I’m trying to use NVIDIA SDK Manager on ubuntu inside a corporate environment where HTTPS traffic is intercepted and re-signed by our company’s certificate authority.
When I launch SDK Manager and attempt to log in the browser opens (CA Certificate was added there), login works fine, but sdkmanager immediately says “session expired please log in again”.
The logs say:
error: Failed to get id token from https://login.nvidia.com/…
Error: RequestError: unable to verify the first certificate
I searched the forum and found many people having this problem, still without a solution. Unfortunately i cannot add to those topics as they are closed by now. (See Sdkmanager login problem - #13 by kfawcett for example). I tried the ai generated solutions written in:
Everything else in the system works, as i added the certificate to the system using:
sudo cp my-company-root-ca.crt /usr/local/share/ca-certificates/
sudo update-ca-certificates
→ So apt, curl and so on is working fine but i cant get the sdkmanager to respect it.
My questions are:
Does SDK Manager use its own certificate trust store, separate from the system one?
Is there a supported way to configure SDK Manager to use a custom CA certificate file?
If not, what is the recommended method for running SDK Manager in a corporate environment with SSL interception?
Any guidance or documentation references would be greatly appreciated.

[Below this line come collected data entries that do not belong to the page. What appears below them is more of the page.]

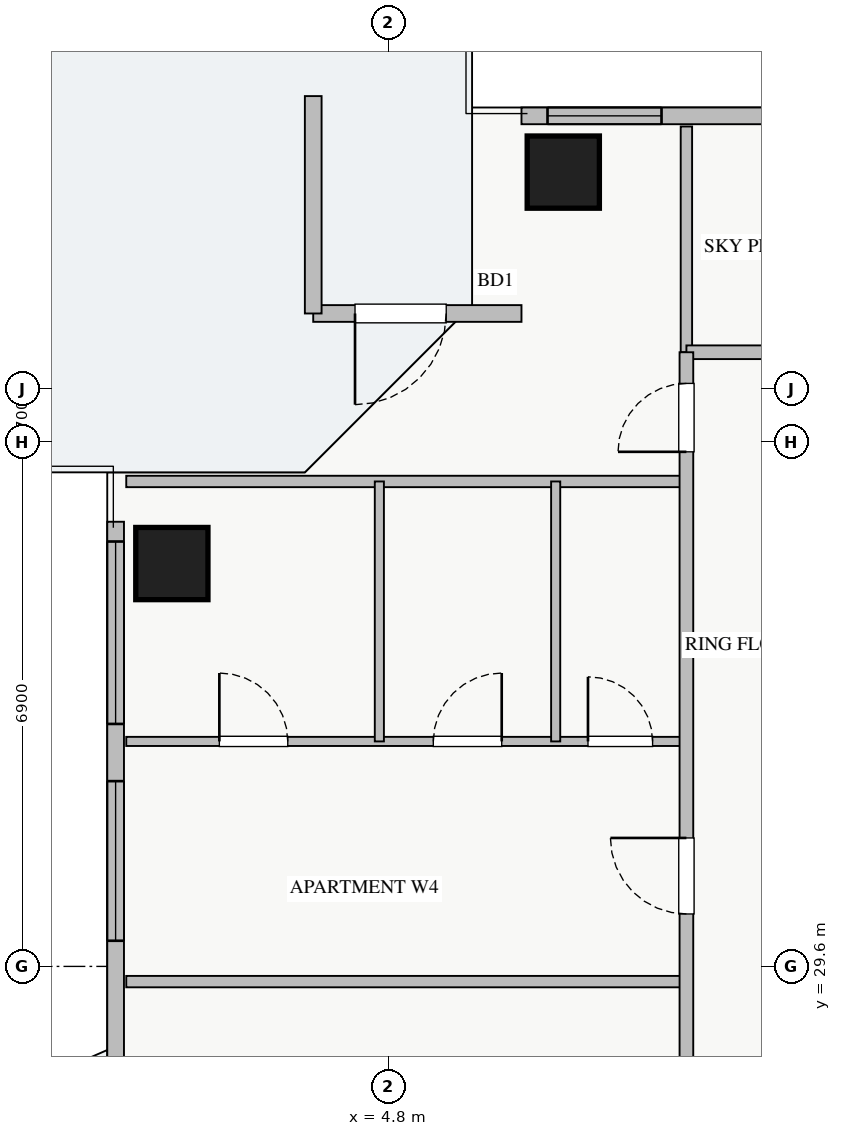
"""IFC4 building model, lengths in metres.
Left out: names, types, materials, properties, quantities, classifications, styles, units other than length and angle.
Written with IfcOpenShell. Run it as: python <this file> out.ifc"""

import sys

from ifc_helpers import new_model, si_unit, direction, frame, frame_2d, origin, origin_2d, place, context, subcontext, project, spatial, rectangle, extrude, source, transform, mapped, element, fill, save


model = new_model("IFC4")
c1 = context("Model", 3, precision=1e-05, world=origin(), true_north=direction((0.0, 1.0)))
c2 = subcontext(c1, "Body", "Model", "MODEL_VIEW")
j1 = project(units=[si_unit("LENGTHUNIT", "METRE"), si_unit("PLANEANGLEUNIT", "RADIAN")], contexts=[c1])
p1 = place(None, origin())
s1 = spatial("IfcSite", under=j1, at=p1, CompositionType="ELEMENT")
p2 = place(p1, origin())
s2 = spatial("IfcBuilding", under=s1, at=p2, CompositionType="ELEMENT")
p3 = place(p2, frame((0.0, 0.0, 182.75)))
s3 = spatial("IfcBuildingStorey", under=s2, at=p3, CompositionType="ELEMENT", Elevation=182.75)
m1 = source(origin(), c2, "Body", "SweptSolid", [
    extrude(rectangle(XDim=0.95, YDim=0.95, at=origin_2d()), origin(), (0.0, 0.0, 1.0), 3.25),
])
for number, where, z_axis, x_axis in (
    (1, (7.1, 40.05, 0.0), (0.0, 0.0, 1.0), (1.0, 0.0, 0.0)),
    (2, (1.95, 34.9, 0.0), (0.0, 0.0, 1.0), (1.0, 0.0, 0.0)),
):
    element("IfcColumn", number, at=place(p3, frame(where, z_axis=z_axis, x_axis=x_axis)), inside=s3, PredefinedType="COLUMN", context=c2, shape_type="MappedRepresentation", body=[
        mapped(m1, transform((0.0, 0.0, 0.0), x_axis=(1.0, 0.0, 0.0), y_axis=(0.0, 1.0, 0.0), z_axis=(0.0, 0.0, 1.0), scale=1.0)),
    ])
p4 = place(p3, frame((6.55, 40.79, 0.0), z_axis=(0.0, 0.0, 1.0), x_axis=(1.0, 0.0, 0.0)))
e3 = element("IfcWall", 3, at=p4, inside=s3, PredefinedType="STANDARD", context=c2, shape_type="SweptSolid", body=[
    extrude(rectangle(XDim=24.9, YDim=0.22, at=frame_2d((12.45, 0.0))), origin(), (0.0, 0.0, 1.0), 2.57),
])
p5 = place(p4, frame((13.3, 0.0, 0.0)))
e4 = element("IfcOpeningElement", 4, at=p5, cuts=e3, PredefinedType="OPENING", context=c2, shape_type="SweptSolid", body=[
    extrude(rectangle(XDim=1.2, YDim=2.1, at=frame_2d((0.6, 1.05))), frame((0.0, 0.12, 0.0), z_axis=(0.0, -1.0, 0.0), x_axis=(1.0, 0.0, 0.0)), (0.0, 0.0, 1.0), 0.24),
])
p6 = place(p4, frame((0.343, 0.0, 0.9)))
e5 = element("IfcOpeningElement", 5, at=p6, cuts=e3, PredefinedType="OPENING", context=c2, shape_type="SweptSolid", body=[
    extrude(rectangle(XDim=1.5, YDim=1.5, at=frame_2d((0.75, 0.75))), frame((0.0, 0.12, 0.0), z_axis=(0.0, -1.0, 0.0), x_axis=(1.0, 0.0, 0.0)), (0.0, 0.0, 1.0), 0.24),
])
p7 = place(p4, frame((9.79, 0.0, 0.9)))
e6 = element("IfcOpeningElement", 6, at=p7, cuts=e3, PredefinedType="OPENING", context=c2, shape_type="SweptSolid", body=[
    extrude(rectangle(XDim=1.8, YDim=1.5, at=frame_2d((0.9, 0.75))), frame((0.0, 0.12, 0.0), z_axis=(0.0, -1.0, 0.0), x_axis=(1.0, 0.0, 0.0)), (0.0, 0.0, 1.0), 0.24),
])
p8 = place(p4, frame((14.813, 0.0, 0.9)))
e7 = element("IfcOpeningElement", 7, at=p8, cuts=e3, PredefinedType="OPENING", context=c2, shape_type="SweptSolid", body=[
    extrude(rectangle(XDim=1.5, YDim=1.45, at=frame_2d((0.75, 0.725))), frame((0.0, 0.12, 0.0), z_axis=(0.0, -1.0, 0.0), x_axis=(1.0, 0.0, 0.0)), (0.0, 0.0, 1.0), 0.24),
])
p9 = place(p4, frame((20.738, 0.0, 0.9)))
e8 = element("IfcOpeningElement", 8, at=p9, cuts=e3, PredefinedType="OPENING", context=c2, shape_type="SweptSolid", body=[
    extrude(rectangle(XDim=2.1, YDim=1.48, at=frame_2d((1.05, 0.74))), frame((0.0, 0.12, 0.0), z_axis=(0.0, -1.0, 0.0), x_axis=(1.0, 0.0, 0.0)), (0.0, 0.0, 1.0), 0.24),
])
p10 = place(p4, frame((4.122, 0.0, 0.9)))
e9 = element("IfcOpeningElement", 9, at=p10, cuts=e3, PredefinedType="OPENING", context=c2, shape_type="SweptSolid", body=[
    extrude(rectangle(XDim=2.4, YDim=1.5, at=frame_2d((1.2, 0.75))), frame((0.0, 0.12, 0.0), z_axis=(0.0, -1.0, 0.0), x_axis=(1.0, 0.0, 0.0)), (0.0, 0.0, 1.0), 0.24),
])
p11 = place(p4, frame((6.758, 0.0, 0.9)))
e10 = element("IfcOpeningElement", 10, at=p11, cuts=e3, PredefinedType="OPENING", context=c2, shape_type="SweptSolid", body=[
    extrude(rectangle(XDim=1.8, YDim=1.5, at=frame_2d((0.9, 0.75))), frame((0.0, 0.12, 0.0), z_axis=(0.0, -1.0, 0.0), x_axis=(1.0, 0.0, 0.0)), (0.0, 0.0, 1.0), 0.24),
])
p12 = place(p3, frame((1.21, 10.55, 0.0), z_axis=(0.0, 0.0, 1.0), x_axis=(0.0, 1.0, 0.0)))
e11 = element("IfcWall", 11, at=p12, inside=s3, PredefinedType="STANDARD", context=c2, shape_type="SweptSolid", body=[
    extrude(rectangle(XDim=24.9, YDim=0.22, at=frame_2d((12.45, 0.0))), origin(), (0.0, 0.0, 1.0), 2.57),
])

My last flash of my Orin I used sdkmanager --cli and it was straightforward. I wonder if this work around the problem. QR code login option Install with the Command Line — SDK Manager
When the QR code image appears, scan the code via a camera application on a different device.
Enter the credentials for your NVIDIA Developer account on that device.
Once completed, SDK Manager will start.
I’m seeing the same thing. My browser opens up. I successfully log-in, but then SDK Manager responds with a timeout message. The log file shows this:
12:00:29.266 - error: Failed to get id token from ``https://login.nvidia.com/token?grant_type=authorization_code&code=...`` Error: RequestError: unable to get local issuer certificate. 12:00:29.267 - info: Event: Login Complete: failed 12:00:29.274 - error: loginManager.login failed: token_rejected
Like the OP, I’m on a corporate-managed computer, which proxies everything. I have the necessary intermediate CA certificate. It is installed in Linux and in my browser, but it would appear that SDK Manager doesn’t look in either of those locations.
So how do I tell it to use my certificate? Or failing that, tell it to ignore the error.
Do you have any update on this? Seems like many people are having the same problem and it’s not only in this topic here. I found at least three other topics where people are describing the exact same problem. Is this SDK Manager limitation where it doesn’t respect the local OS Cert store (for example on Ubuntu) or it’s some kinds of a bug?
Thank you for following up on this, and we apologize for the inconvenience and the lack of a prior response.
We do have an internal tracking ticket open to investigate this behavior.
Unfortunately, our team has not yet been able to prioritize the full investigation and implementation of a fix for this issue. At this time, we do not have a supported workaround or an estimated timeframe for when a solution will be available.
We understand this can be frustrating for those working behind corporate proxies, and we appreciate your patience. We will be sure to update this thread as soon as we have any new progress or a potential fix to share.